Protocol (Phase 1): During the fast, the patient is allowed to take in only calorie-free and caffeine-free fluids. Nonessential medication should be withheld, and the patient should be encouraged to be active when awake. Glucose levels should be measured every six hours until the level drops below 60 mg/dL. Samples should then be collected hourly for glucose, insulin, C-peptide, and proinsulin levels. The fast should be concluded when the glucose level drops below 45 mg/dL and the patient exhibits symptoms of hypoglycemia or after a maximum of 72 hours.
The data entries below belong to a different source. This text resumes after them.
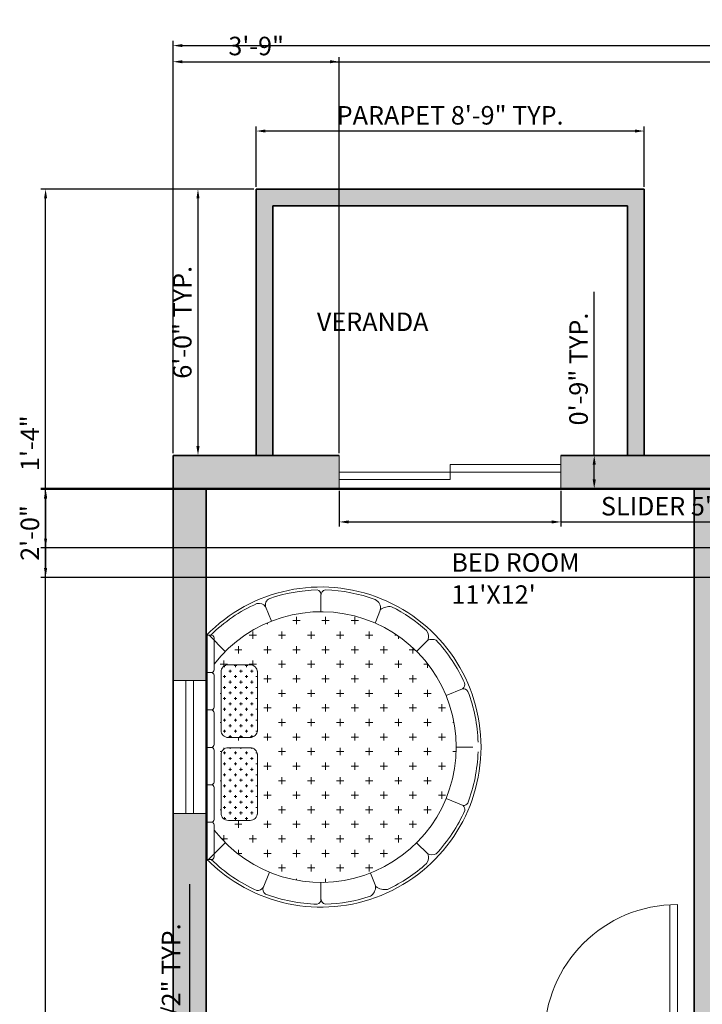
# Model space of a CAD drawing. Units: inches. Extents: x 2923 to 3500, y 1684 to 2381.
# Tile 10 of 12: x 2928 to 3112, y 2114 to 2380. Entities that reach past the tile are written whole.
import ezdxf

# ---------------------------------------------------------------- set-up
doc = ezdxf.new("R2010")
doc.units = ezdxf.units.IN
for name, color, linetype, lineweight in [('A-ANNO-DIMS', 2, 'Continuous', 18), ('A-AREA-IDEN', 7, 'Continuous', 18), ('A-DOOR', 3, 'Continuous', 18), ('A-FURN-PATT', 8, 'Continuous', 13), ('A-GLAZ', 4, 'Continuous', 18), ('A-WALL', 7, 'Continuous', 35), ('A-WALL-PATT', 9, 'Continuous', 13), ('Furniture', 7, 'Continuous', 15)]:
    doc.layers.add(name, color=color, linetype=linetype, lineweight=lineweight)
doc.styles.get("Standard").update_dxf_attribs({"font": 'txt', "height": 5})
doc.dimstyles.new('ISO-25', dxfattribs={"dimtxt": 5, "dimasz": 2.5, "dimexe": 1.25, "dimexo": 0.625, "dimtad": 1, "dimlunit": 3, "dimtxsty": 'Standard', "dimcen": 2.5, "dimadec": 0, "dimazin": 0, "dimtfac": 1, "dimtmove": 0, "dimatfit": 3, "dimfxl": 1, "dimarcsym": 0})

# ---------------------------------------------------------------- blocks, each defined once
blk = doc.blocks.new('*D2')
at = {"layer": 'A-ANNO-DIMS', "color": 0, "lineweight": -2, "transparency": 16777216}
for p, q in [((2969.23, 2263.03), (2969.23, 2374.52)), ((3397.23, 2263.03), (3397.23, 2374.52)), ((2971.73, 2373.27), (3394.73, 2373.27))]:
    blk.add_line(p, q, dxfattribs=at)
at = {"layer": 'A-ANNO-DIMS', "color": 0, "transparency": 16777216}
for points in [[(2971.73, 2373.69), (2971.73, 2372.86), (2969.23, 2373.27)], [(3394.73, 2373.69), (3394.73, 2372.86), (3397.23, 2373.27)]]:
    blk.add_solid(points, dxfattribs=at)
at = {"layer": 'Defpoints', "color": 0, "transparency": 16777216}
for p in [(3397.23, 2373.27), (2969.23, 2262.41), (3397.23, 2262.41)]:
    blk.add_point(p, dxfattribs=at)
at = {"layer": 'A-ANNO-DIMS', "color": 0, "transparency": 16777216, "insert": (3183.23, 2376.87), "char_height": 5, "attachment_point": 5}
blk.add_mtext('35\'-8"', dxfattribs=at)
blk = doc.blocks.new('DOOR-SINGLE-36IN')
for p, q in [((36, 36), (0, 36)), ((34, 0.06), (34, 36)), ((36, 0), (36, 36))]:
    blk.add_line(p, q)
blk.add_arc((36, 36), 36, 180, 270)
blk = doc.blocks.new('WINDOW-36IN')
for p, q in [((36, 9), (0, 9)), ((0, 9), (0, 0)), ((36, 0), (36, 9)), ((36, 5.5), (0, 5.5)), ((36, 3.5), (0, 3.5)), ((0, 0), (36, 0))]:
    blk.add_line(p, q)
blk = doc.blocks.new('WINDOW-SLIDING-60IN')
for p, q in [((0, 0), (0, 9)), ((60, 0), (60, 9)), ((30, 4.5), (30, 6.5)), ((30, 6.5), (60, 6.5)), ((60, 4.5), (0, 4.5)), ((30, 4.5), (30, 2.5)), ((30, 2.5), (0, 2.5))]:
    blk.add_line(p, q)
blk = doc.blocks.new('VERANDA-PARAPET')
for p, q in [((0, 72), (0, 0)), ((4.5, 72), (4.5, 4.5)), ((100.5, 72), (100.5, 4.5)), ((105, 72), (105, 0)), ((100.5, 4.5), (4.5, 4.5)), ((105, 0), (0, 0))]:
    blk.add_line(p, q)
blk = doc.blocks.new('BED-ROUND-FRAME')
for p, q in [((31.04, 79.92), (31.04, 84.58)), ((31.04, 79.92), (31.04, 84.58)), ((17.61, 77.37), (16.05, 81.29)), ((45.66, 76.84), (47.11, 80.49)), ((0, 13.11), (0, 73.51)), ((5.15, 69.2), (0.74, 73.61)), ((5.15, 69.2), (0.74, 73.61)), ((56.93, 69.2), (59.95, 72.21)), ((56.93, 69.2), (59.95, 72.21)), ((59.95, 72.21), (56.93, 69.2)), ((13.83, 63.84), (13.83, 47.62)), ((64.9, 57.24), (69.31, 59.05)), ((69.31, 59.05), (69.4, 59.09)), ((67.65, 43.31), (72.18, 43.31)), ((13.83, 41.4), (13.83, 25.18)), ((13.83, 39.13), (13.84, 39.12)), ((64.9, 29.37), (69.53, 27.47)), ((0.42, 12.68), (5.15, 17.42)), ((0.42, 12.68), (5.15, 17.42)), ((59.95, 14.4), (56.93, 17.42)), ((17.07, 9.46), (15.35, 5.25)), ((44.42, 9.23), (45.86, 5.58)), ((31.04, 1.98), (31.04, 6.69)), ((31.04, 2.04), (31.04, 6.69))]:
    blk.add_line(p, q)
for points in [[(4, 47.85), (4, 63.6, -0.414214), (5.97, 65.57), (11.88, 65.57, -0.414214), (13.84, 63.6), (13.84, 47.85, -0.414214), (11.88, 45.89), (5.97, 45.89, -0.414214)], [(4, 25.41), (4, 41.16, -0.414214), (5.97, 43.13), (11.88, 43.13, -0.414214), (13.84, 41.16), (13.84, 25.41, -0.414214), (11.88, 23.45), (5.97, 23.45, -0.414214)]]:
    blk.add_lwpolyline(points, format="xyb", close=True)
for centre, radius, start, end in [((31.04, 43.31), 43.31, 224.213, 135.787), ((31.04, 43.31), 42.52, 91.3819, 109.0292), ((29.76, 84.56), 1.29, 359.0498, 78.348), ((32.5, 84.36), 1.46, 98.688, 183.9778), ((31.04, 43.31), 42.52, 69.8397, 88.3303), ((17.88, 81.76), 1.88, 111.9527, 202.5488), ((44.67, 80.98), 2.46, 345.7709, 65.4979), ((31.04, 43.31), 42.52, 114.0695, 134.5949), ((31.04, 43.31), 36.61, 217.8198, 142.1802), ((14.23, 79.9), 2.29, 37.3562, 103.3498), ((49.64, 77.03), 4.29, 82.908, 126.1659), ((31.04, 43.31), 42.52, 47.802, 63.2705), ((57.53, 73.21), 2.61, 337.5919, 37.6583), ((61.1, 69.09), 3.33, 70.4217, 110.1689), ((31.04, 43.31), 42.52, 24.0703, 42.854), ((69.6, 57.73), 1.36, 26.1665, 102.6069), ((68.6, 60.18), 1.35, 304.4266, 20.4145), ((31.04, 43.31), 42.52, 1.7281, 20.7271), ((31.04, 43.31), 42.52, 339.0428, 358.2719), ((69.4, 29.21), 1.75, 274.2316, 320.4352), ((68.35, 26.36), 1.62, 353.6066, 43.1756), ((31.04, 43.31), 42.52, 317.146, 336.245), ((57.53, 13.4), 2.61, 322.3417, 22.4081), ((61.1, 17.52), 3.33, 249.8311, 289.5783), ((31.04, 43.31), 42.52, 225.7269, 245.8957), ((31.04, 43.31), 42.52, 295.113, 312.198), ((16.89, 4.85), 1.59, 153.9459, 235.5493), ((42.79, 5.51), 3.04, 302.4304, 3.4261), ((48.39, 9.04), 4.29, 233.8341, 279.2916), ((13.85, 6.32), 1.83, 264.4179, 326.0029), ((31.04, 43.31), 42.52, 249.2703, 268.6181), ((31.04, 43.31), 42.52, 271.6697, 288.3347), ((29.76, 2.06), 1.29, 281.652, 0.9502), ((32.5, 2.25), 1.46, 176.0222, 261.312)]:
    blk.add_arc(centre, radius, start, end)
blk = doc.blocks.new('*D21')
at = {"layer": 'A-ANNO-DIMS', "color": 0, "lineweight": -2, "transparency": 16777216}
for p, q in [((3014.23, 2252.78), (3014.23, 2243.16)), ((3074.23, 2252.78), (3074.23, 2243.16)), ((3016.73, 2244.41), (3071.73, 2244.41)), ((3074.23, 2244.41), (3148.22, 2244.41))]:
    blk.add_line(p, q, dxfattribs=at)
at = {"layer": 'A-ANNO-DIMS', "color": 0, "transparency": 16777216}
for points in [[(3016.73, 2244.82), (3016.73, 2243.99), (3014.23, 2244.41)], [(3071.73, 2244.82), (3071.73, 2243.99), (3074.23, 2244.41)]]:
    blk.add_solid(points, dxfattribs=at)
at = {"layer": 'Defpoints', "color": 0, "transparency": 16777216}
for p in [(3014.23, 2253.41), (3074.23, 2253.41), (3074.23, 2244.41)]:
    blk.add_point(p, dxfattribs=at)
at = {"layer": 'A-ANNO-DIMS', "color": 0, "transparency": 16777216, "insert": (3112.47, 2248.01), "char_height": 5, "attachment_point": 5}
blk.add_mtext('SLIDER 5\'-0" TYP.', dxfattribs=at)
blk = doc.blocks.new('*D22')
at = {"layer": 'A-ANNO-DIMS', "color": 0, "lineweight": -2, "transparency": 16777216}
for p, q in [((3083.23, 2262.41), (3083.23, 2306.63)), ((3074.85, 2262.41), (3084.48, 2262.41)), ((3083.23, 2255.91), (3083.23, 2259.91)), ((3074.85, 2253.41), (3084.48, 2253.41))]:
    blk.add_line(p, q, dxfattribs=at)
at = {"layer": 'A-ANNO-DIMS', "color": 0, "transparency": 16777216}
for points in [[(3082.81, 2259.91), (3083.65, 2259.91), (3083.23, 2262.41)], [(3082.81, 2255.91), (3083.65, 2255.91), (3083.23, 2253.41)]]:
    blk.add_solid(points, dxfattribs=at)
at = {"layer": 'Defpoints', "color": 0, "transparency": 16777216}
for p in [(3074.23, 2262.41), (3083.23, 2262.41), (3074.23, 2253.41)]:
    blk.add_point(p, dxfattribs=at)
at = {"layer": 'A-ANNO-DIMS', "color": 0, "transparency": 16777216, "insert": (3079.63, 2285.77), "char_height": 5, "attachment_point": 5, "rotation": 90}
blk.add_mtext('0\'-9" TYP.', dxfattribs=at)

Protocol (Phase 2): Perform this phase of the test only if the patient becomes hypoglycemic during phase 1. At the end of phase 1, inject 1 mg of glucagon intravenously and measure glucose levels at 10, 20, and 30 minutes.
Orderable Tests: See Comprehensive List of Procedures section for individual test information.
Note: The patient should be hospitalized during this protocol and intravenous access should be maintained. Glucose should be available for infusion.
1. Service FJ. Diagnostic approach to adults with hypoglycemic disorders. Endocrinol Metab Clin North Am. 1999 Sep; 28(3):519-532. PubMed 10500929
2. Sacks DB. Carbohydrates. In: Burtis CA, Ashwood ER, eds.Tietz Textbook of Clinical Chemistry. Philadelphia, Pa: WB Saunders; 1999: 750-808.